Às 6:30 da manhã nas câmaras do Rei:
Em um mundo onde as pessoas geralmente trabalhavam de acordo com a duração do dia, em um palácio Tudor, o dia corria no ritmo regular dos relógios mecânicos. Lá pelo final do reinado de Henrique VIII, um gigantesco relógio astronômico fora instalado em Hampton Court. Este trabalho ficou a cargo do relojoeiro do rei, Nicholas Oursiam, que também fabricava relógios portáteis. Na Câmara privada, houve um relógio em um pilar esculpido.

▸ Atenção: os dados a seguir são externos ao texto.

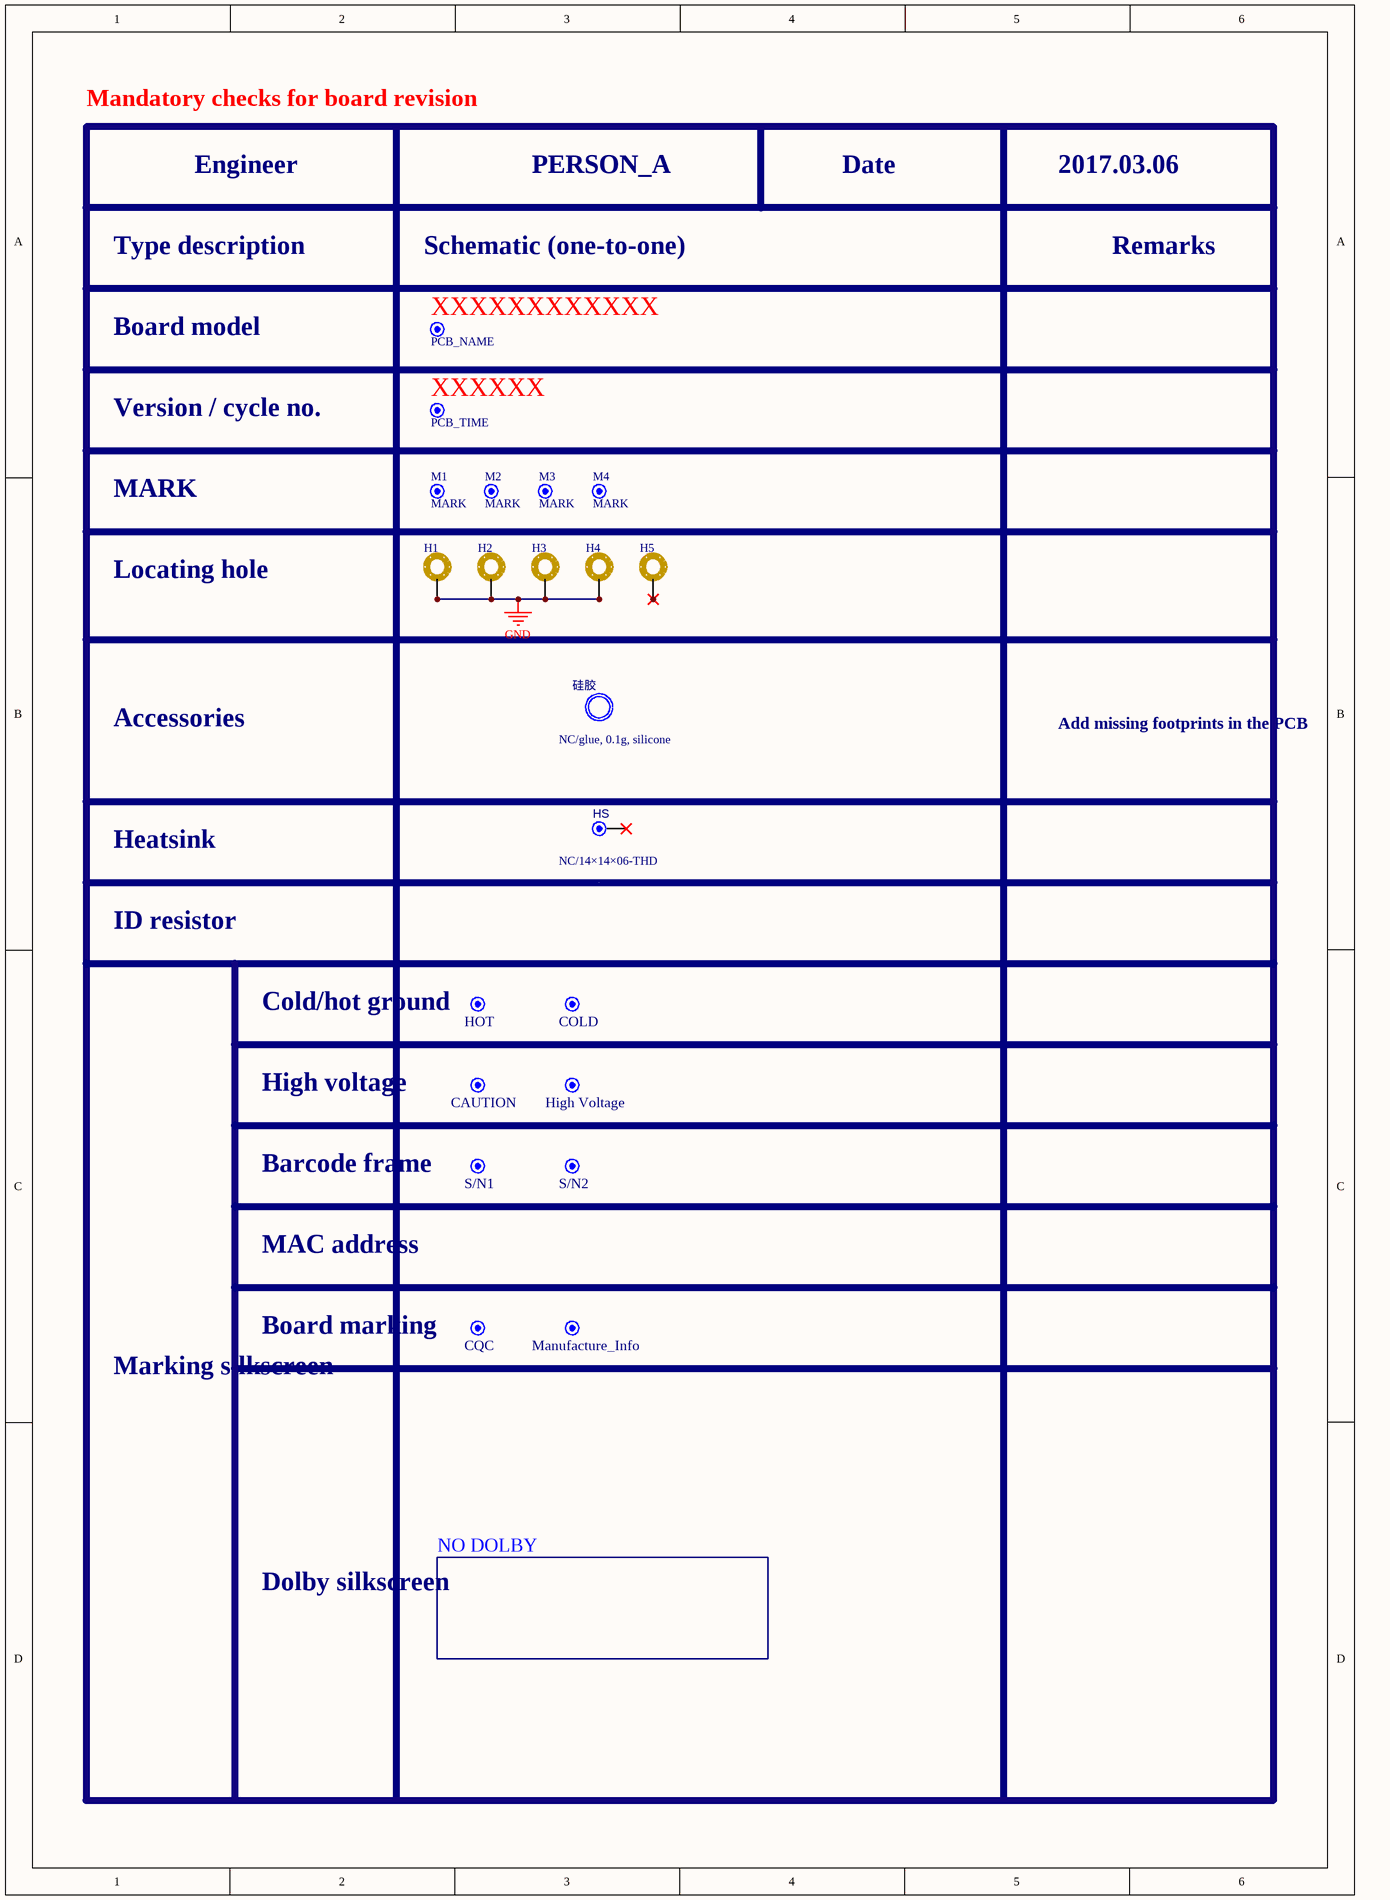
[diagram p0: MISC84277-3.SchDoc]
# Altium project MISC84277-14.PrjPCB (part 1 of 10)
9 sheets, 709 parts. Net scope: global (net labels, ports and power ports of the same name join across sheets).
Board file: MISC84277.PcbDoc
Sheets:
  MISC84277-3.SchDoc
  MISC84277-6.SchDoc
  MISC84277-7.SchDoc
  PCBE84277.SchDoc
  MISC84277-8.SchDoc
  MISC84277-9.SchDoc
  MISC84277-10.SchDoc
  MISC84277-11.SchDoc
  MISC84277-12.SchDoc

## Sheet MISC84277-3.SchDoc
size 254 x 355 mm

### Parts
CAUTION  CAUTION  [CAUTION]
COLD  COLD  [COLD]
CQC  CQC  [CQC]
H1  Location hole  [ASSE3.5C-3]  (value not drawn)
H2  Location hole  [ASSE3.5C-3]  (value not drawn)
H3  Location hole  [ASSE4.0C-4]  (value not drawn)
H4  Location hole  [ASSE5.0C-4]  (value not drawn)
H5  Location hole  [ASSE3.5C-3]  (value not drawn)
High_Voltage  High Voltage  [High Voltage]
HOT  HOT  [HOT]
HS  NC/14×14×06-THD  [HS-S]
M1  MARK  [MARK]
M2  MARK  [MARK]
M3  MARK  [MARK]
M4  MARK  [MARK]
Manufacture_Info  Manufacture_Info  [Manufacture_Info]
NO_DOLBY  NO DOLBY  [NO DOLBY-SILK]
S/N1  Barcode  [Barcode]  (value not drawn)
S/N2  Barcode  [Barcode]  (value not drawn)
XXXXXX  PCB_TIME  [PCB_TIME]
XXXXXXXXXXXX  PCB_NAME  [PCB_NAME]
硅胶  NC/glue, 0.1g, silicone  [Heat-Shrinkable Tube]

### Nets
GND: H1.0 H1.1 H1.2 H1.3 H1.4 H1.5 H1.6 H2.0 H2.1 H2.2 H2.3 H2.4 H2.5 H2.6 H3.0 H3.1 H3.2 H3.3 H3.4 H3.5 H3.6 H4.0 H4.1 H4.2 H4.3 H4.4 H4.5 H4.6
NetH5_0: H5.0 H5.1 H5.2 H5.3 H5.4 H5.5 H5.6

Not connected (* = marked no-connect by the designer): HS 1*

### Notes on the sheet
- Mandatory checks for board revision
- Engineer
- PERSON_A
- Date
- 2017.03.06
- Type description
- Schematic (one-to-one)
- Remarks
- Board model
- Version / cycle no.
- MARK
- Locating hole
- Accessories
- Add missing footprints in the PCB
- Heatsink
- ID resistor
- (near HOT) Cold/hot ground
- High voltage
- (near S/N1) Barcode frame
- MAC address
- Marking silkscreen
- (near CQC) Board marking
- (near NO_DOLBY) Dolby silkscreen

### Library data of the parts
H1-H5 = Location hole-D
HS = TEST
M1-M4 = MARK-D
硅胶 = Φ12mm×12mm-黑色-125度(UL认证)-D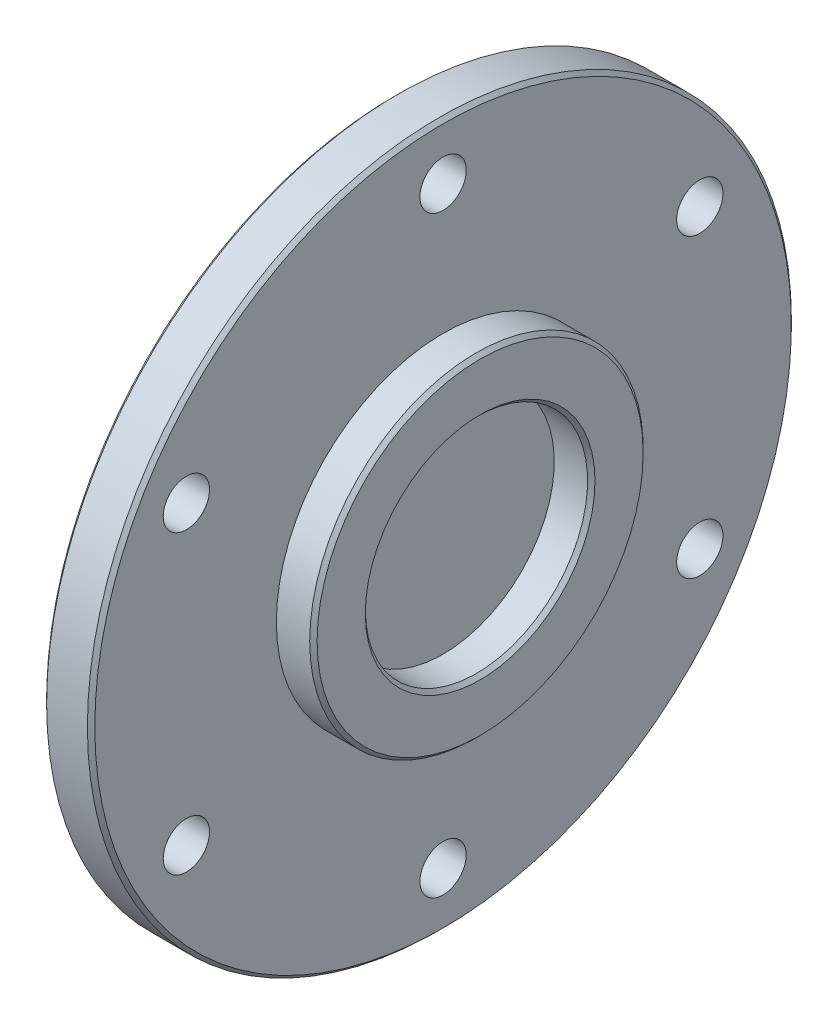
from build123d import *

# Parameters (mm, degrees)
SKETCH_2_R               = 6.25
CUT_EXTRUDE_1_DEPTH      = 137.304805491
PATTERN_CIRCULAR_1_COUNT = 6
CHAMFER_1_SIZE           = 1


with BuildPart() as part:
    # 草图1 → 旋转1 (revolve)
    with BuildSketch(Plane.XY, mode=Mode.PRIVATE) as revolve_1_sk:
        Polygon((0, 0), (0, 95), (13, 95), (13, 45), (23, 45), (23, 30), (13, 30), (13, 0), align=None)
    revolve(revolve_1_sk.sketch.rotate(Axis((0, 0, 0), (1, 0, 0)), 90), axis=Axis((0, 0, 0), (1, 0, 0)))

    # 草图2 → 切除-拉伸1 (cut, through all)
    with BuildSketch(Plane.ZY):
        with Locations((0, 80)):
            Circle(SKETCH_2_R)
    cut_extrude_1 = extrude(amount=-CUT_EXTRUDE_1_DEPTH, mode=Mode.SUBTRACT)

    # 阵列(圆周)1: 切除-拉伸1 ×6 about axis
    pattern_circular_1_axis = Axis((0, 0, 0), (1, 0, 0))
    for i in range(1, PATTERN_CIRCULAR_1_COUNT):
        add(cut_extrude_1.rotate(pattern_circular_1_axis, i * 360 / PATTERN_CIRCULAR_1_COUNT), mode=Mode.SUBTRACT)

    # 倒角1
    chamfer_1_edges = [part.edges().sort_by_distance(p)[0] for p in [
        (23, 0, -30),
        (23, 0, -45),
        (13, 0, -95),
        (0, 0, -95),
    ]]
    chamfer(chamfer_1_edges, length=CHAMFER_1_SIZE)


solid = part.part
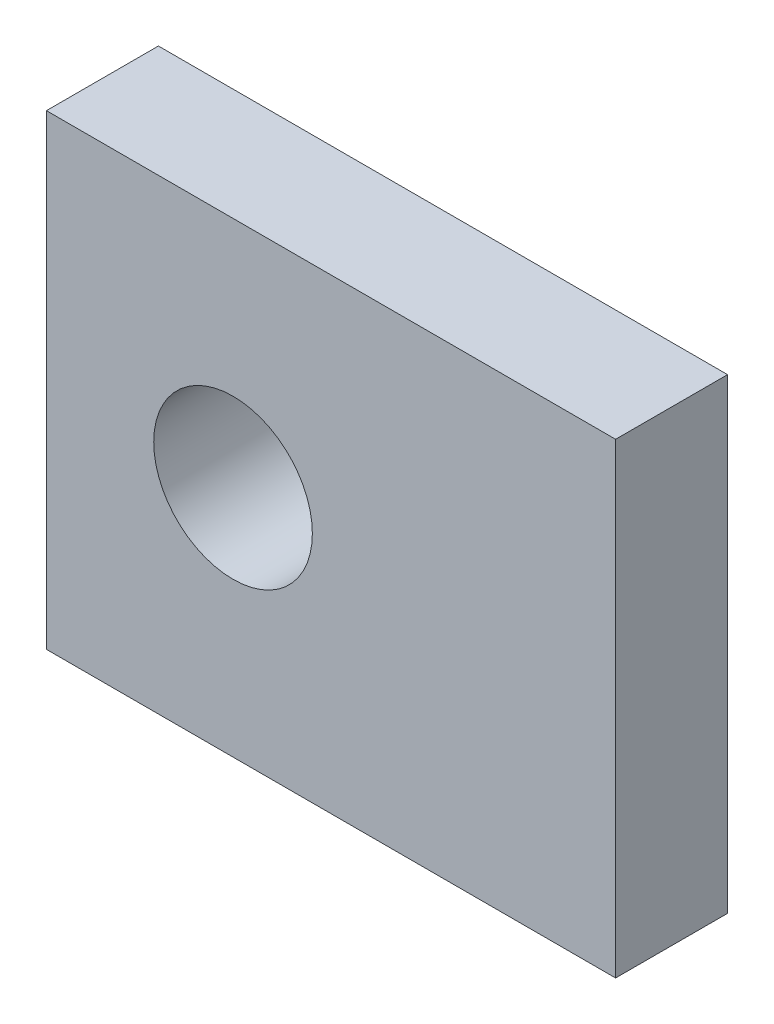
SolidWorks part; units mm, degrees
ref_plane "Front Plane" through (0, 0, 0) normal (0, 0, 1) x (1, 0, 0)
ref_plane "Top Plane" through (0, 0, 0) normal (0, 1, 0) x (1, 0, 0)
ref_plane "Right Plane" through (0, 0, 0) normal (1, 0, 0) x (0, 0, -1)
sketch "Sketch1" plane through (0, 0, 0) normal (0, 0, 1) x (1, 0, 0)
  line L1 (-36.6, -43.1057) -> (-6.1, -43.1057)
  line L2 (-36.6, -43.1057) -> (-36.6, -68.1057)
  line L3 (-36.6, -68.1057) -> (-6.1, -68.1057)
  line L4 (-6.1, -43.1057) -> (-6.1, -68.1057)
  circle A0 centre (-26.6, -55.6057) radius 4.25
extrude "Boss-Extrude1" add sketch "Sketch1" along normal blind 6

Os primeiros à acordarem eram os atendentes pessoais do Rei. Era esperado que eles estivessem acordados e prontos às 7 horas da manhã ou antes, se o Rei decidisse na noite anterior, que precisaria iniciar o dia mais cedo. Em 1520, por exemplo, Henrique levantou-se diariamente às 4 ou 5 da manhã, e caçava até às 9 ou 10 da noite. Levantar às 7 significava por boa parte do ano, trabalhar à luz de caras velas de cera. Esta era uma despesa que os Tudors geralmente gostavam de evitar. Por este motivo, o resto da Corte, levantava mais tarde e terminava o trabalho cedo, para fazer o melhor uso possível da luz do dia.
Os seguintes à acordarem, eram os quatro criados da Câmara privada. Eles foram nomeados como William e Hyrcan Brereton, Walter Welsh e John Gary. Servos pessoais, muitas vezes eram encontrados dormindo na mesma câmara com seu mestre. Embora os servos de Henrique se hospedassem em outros cômodos do palácio, pelo menos dois deles deveriam estarem prontos e esperando na câmara privada às 06:00-07:00 da manhã. Eles tinham que limpar as pallets (esteiras de palha em onde dormiam), fazer o fogo, limpar o quarto, espalhar palha limpa no chão e remover “todo o tipo de imundície”. Quando o rei estivesse levantado, ele iria encontrar a câmara em questão, limpa e saudável, sem qualquer cheiro desagradável ou coisas do gênero, como a nobre pessoa de vossa majestade, pudesse exigir.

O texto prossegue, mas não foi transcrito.